(1)
Hôpital Ambroise Paré Service de Réanimation Médicale, Boulogne (Paris-West University), France
We now describe the 5th principle of LUCI. It should be understood that the A-profile is defined by both lung sliding and the A-line. Note that a lung sliding associated to one, or even 2 B-lines (described in Chap. 11), is still in the definition of an A-profile (3 B-lines would change it into a B-profile.
We do not use transversal scans. This would make lung ultrasound more difficult. Slight movements (of the physician or patient) would deeply change the image (see Fig. 1.2). See also some scary pitfalls in Chap. 14.
Our 5 MHz microconvex probe is perfect for this part of lung investigation.
The Artifact Which Defines the Normal Lung Surface: The A-line
Once a probe is applied on an intercostal space, only artifacts (from bones and lungs) are visible. These artifacts were always considered undesirable. Let us see them with more attention. For the sake of rapid communication, they were given short names using alphabetic classification (we describe 12 of them at the pleural line: A-, B-, C-, F-, I-, J-, N-, O-, P-, T-, X-, and Z-lines). This is simpler than seemingly at first view. Other artifacts are described above the pleural line (E-, S-, W-line), in other parts of the body (G-, M-, R-, V-, U-lines), or outside the body (H-, K-lines). Most are either horizontally or vertically oriented.

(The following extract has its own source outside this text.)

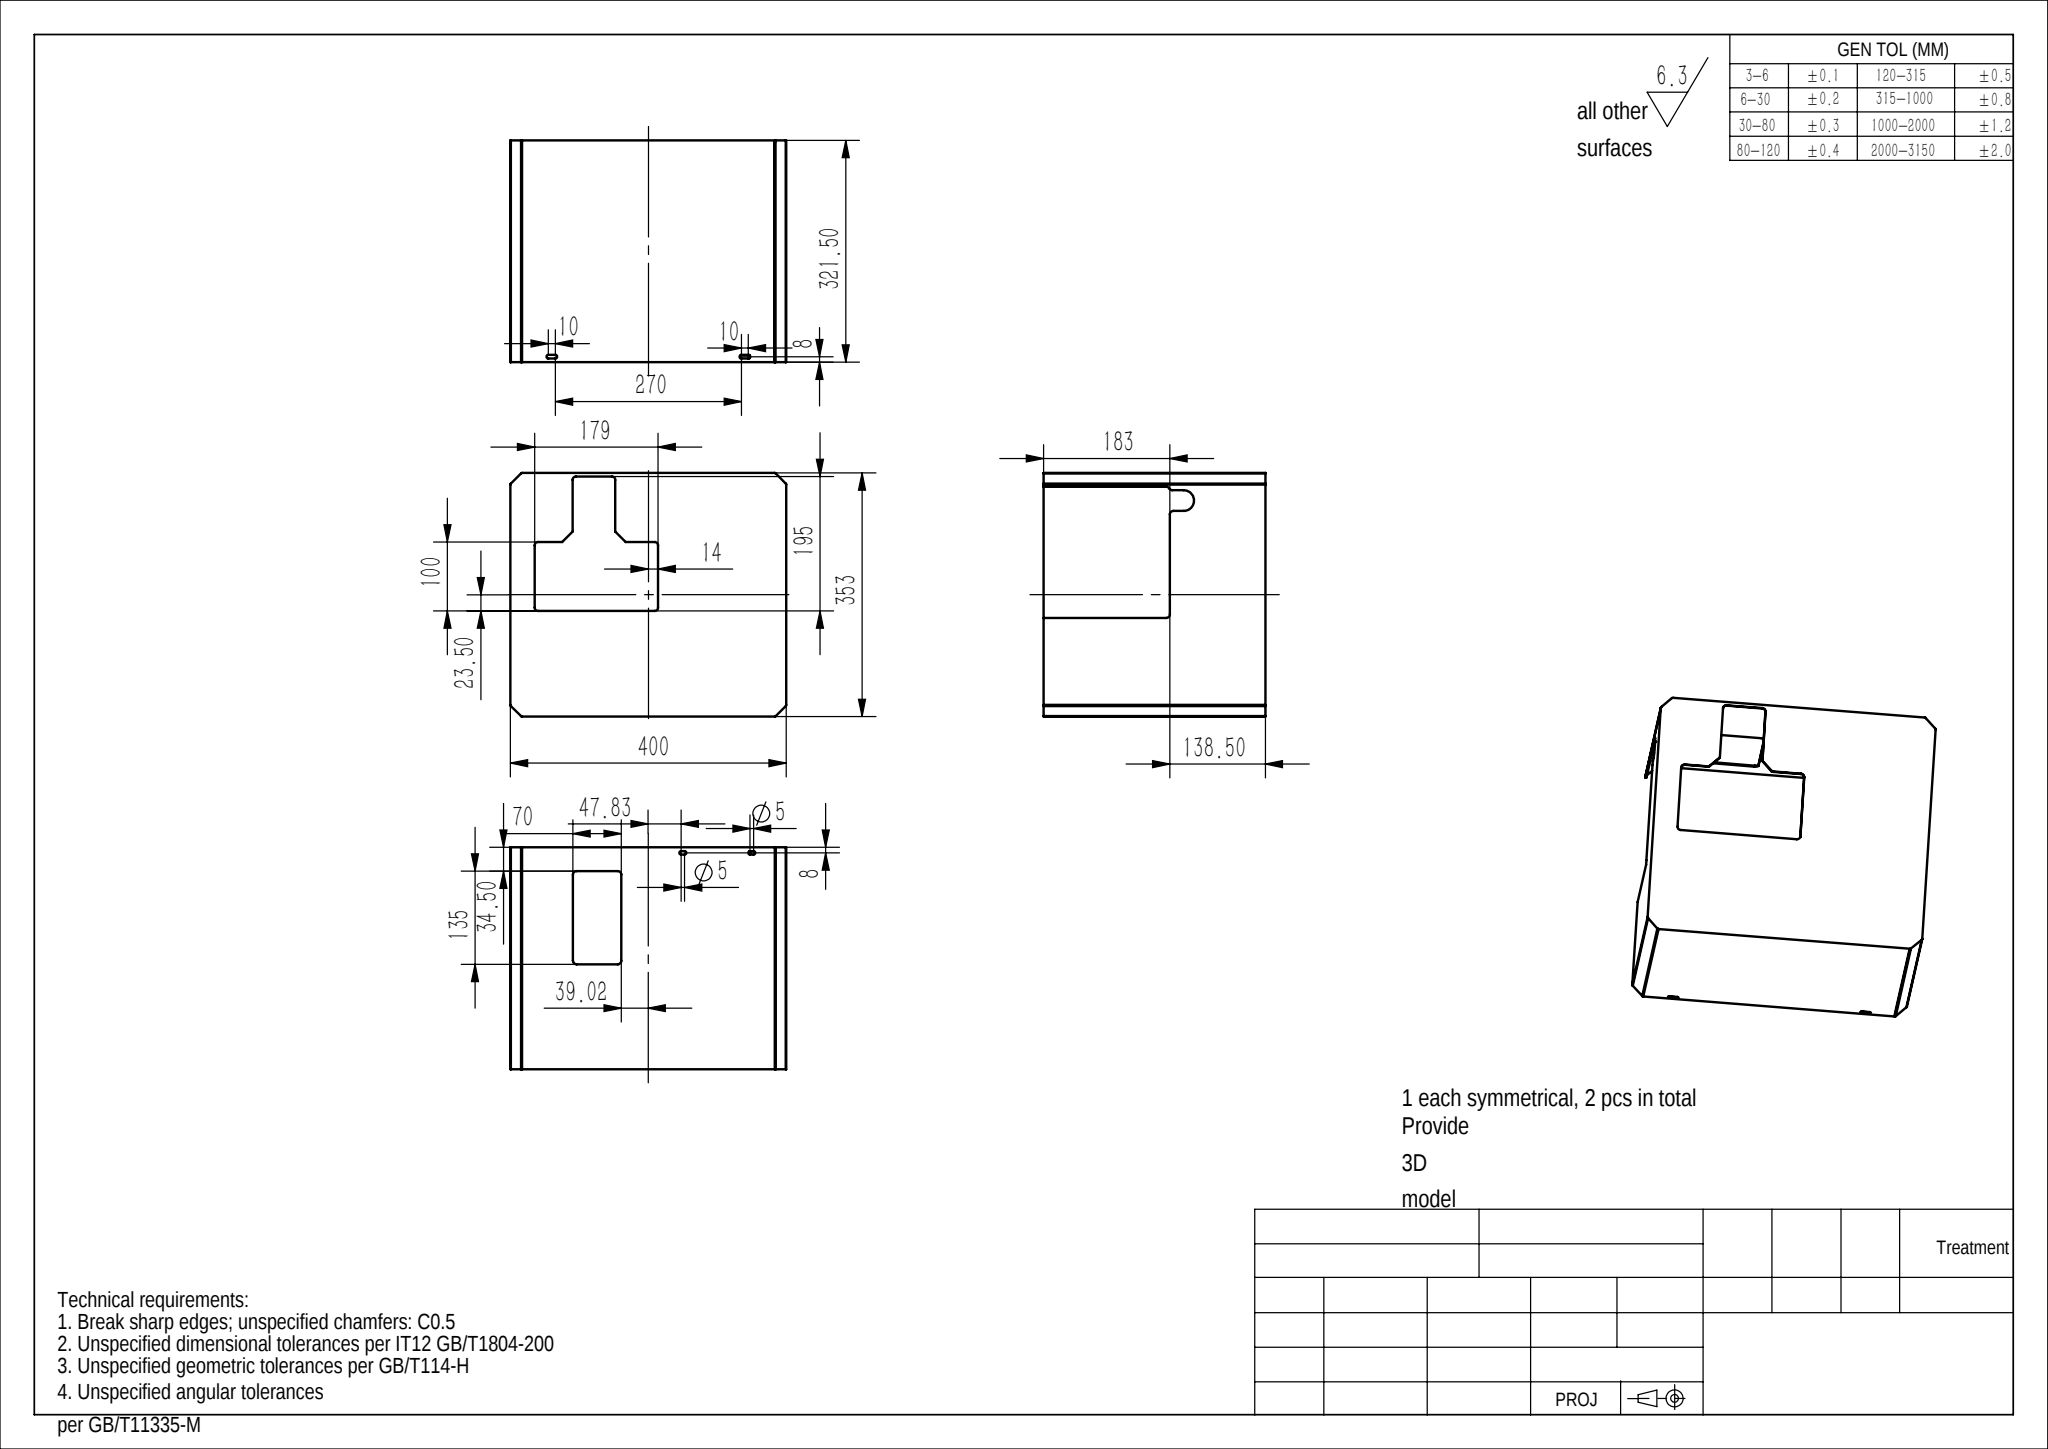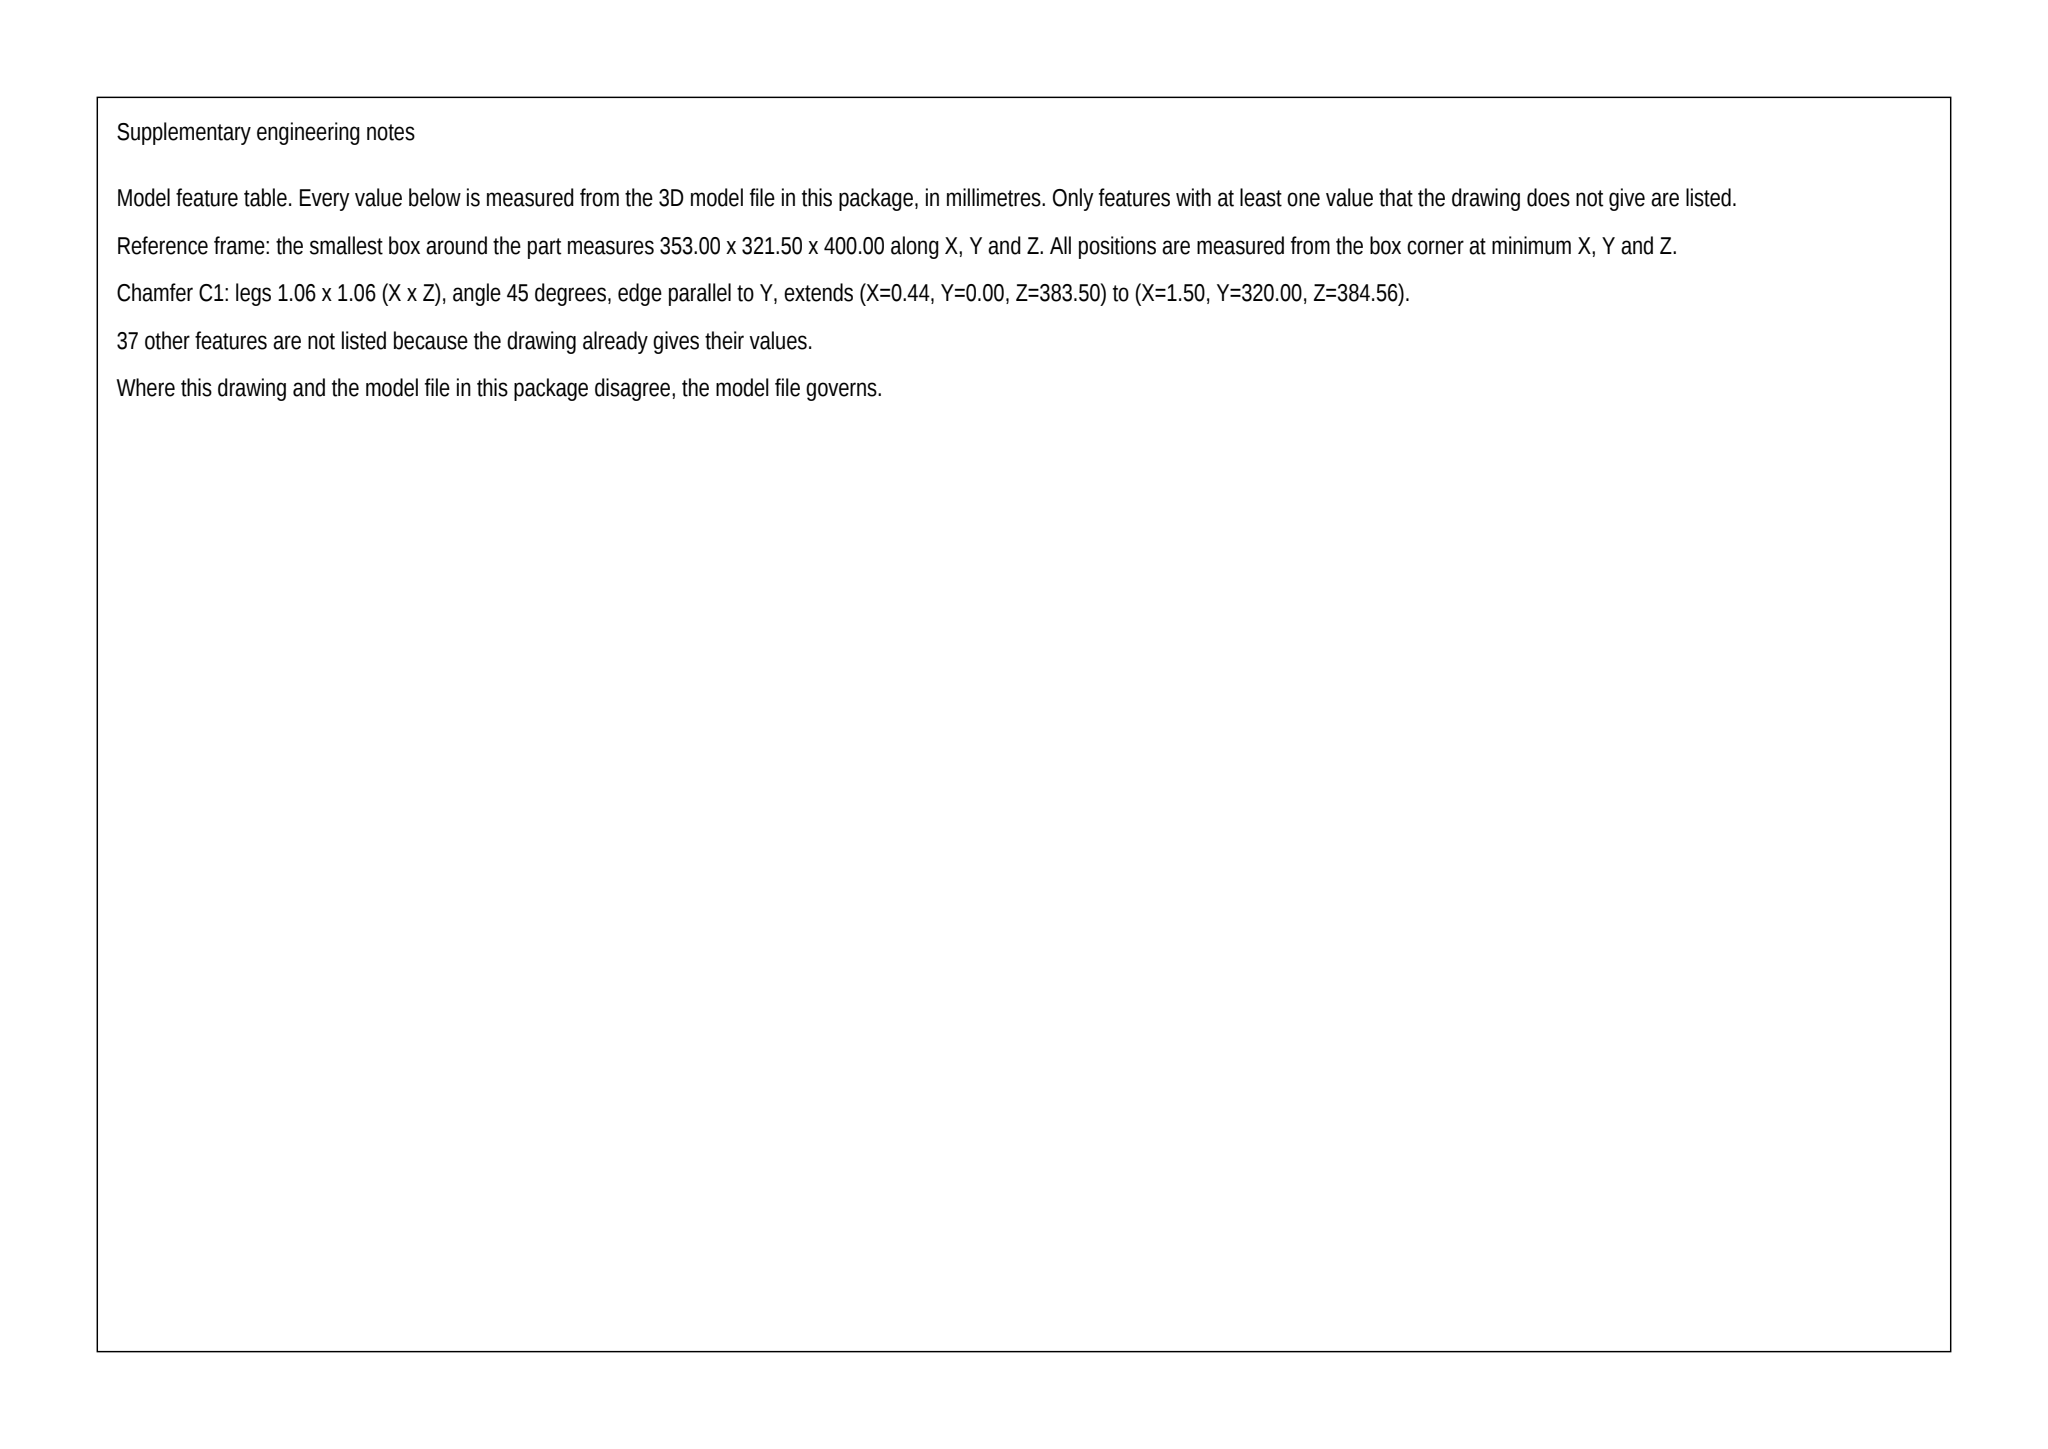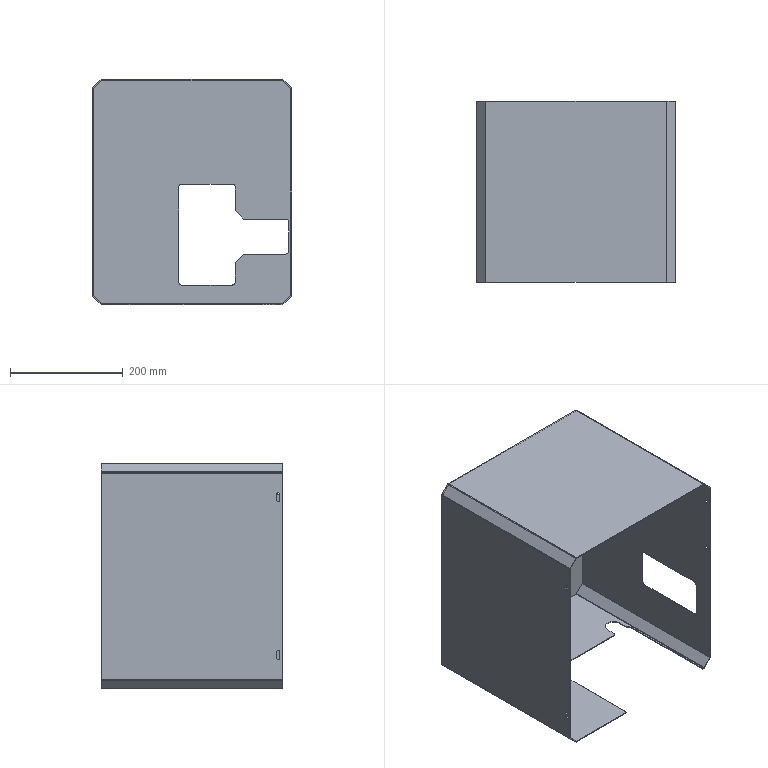Part | SolidWorks | mm | 1 solid | 104 faces | box 353 x 321.5 x 400 mm | volume 808617 mm3 | plane 63 | cylinder 41 | commonest cylinder face diameters 10 x14 1.473 x7 4.473 x7 5.5 x6 5 x6 30 x1

The normal artifact arising from the pleural line, i.e., displayed in Merlin’s space, is the repetition of the pleural line, a roughly horizontal hyperechoic fine line parallel to the pleural line (Fig. 9.1). We coined this artifact the A-line, following the alphabetic logic in a nascent discipline. Air blocks the ultrasound beam, which comes back to the head, yielding this regular artifact. The distance between the pleural line and the A-line is equal to the skin-pleural line distance. Several equidistant A-lines can be visible. They can be called A1-lines, A2-lines, etc., according to the number of observed lines, with little clinical relevance. Of same relevance, horizontal artifacts are sometimes seen between two A-lines and called “sub-A-lines” and even “sub-sub-A-lines” (Pi-lines, see Fig. 40.4).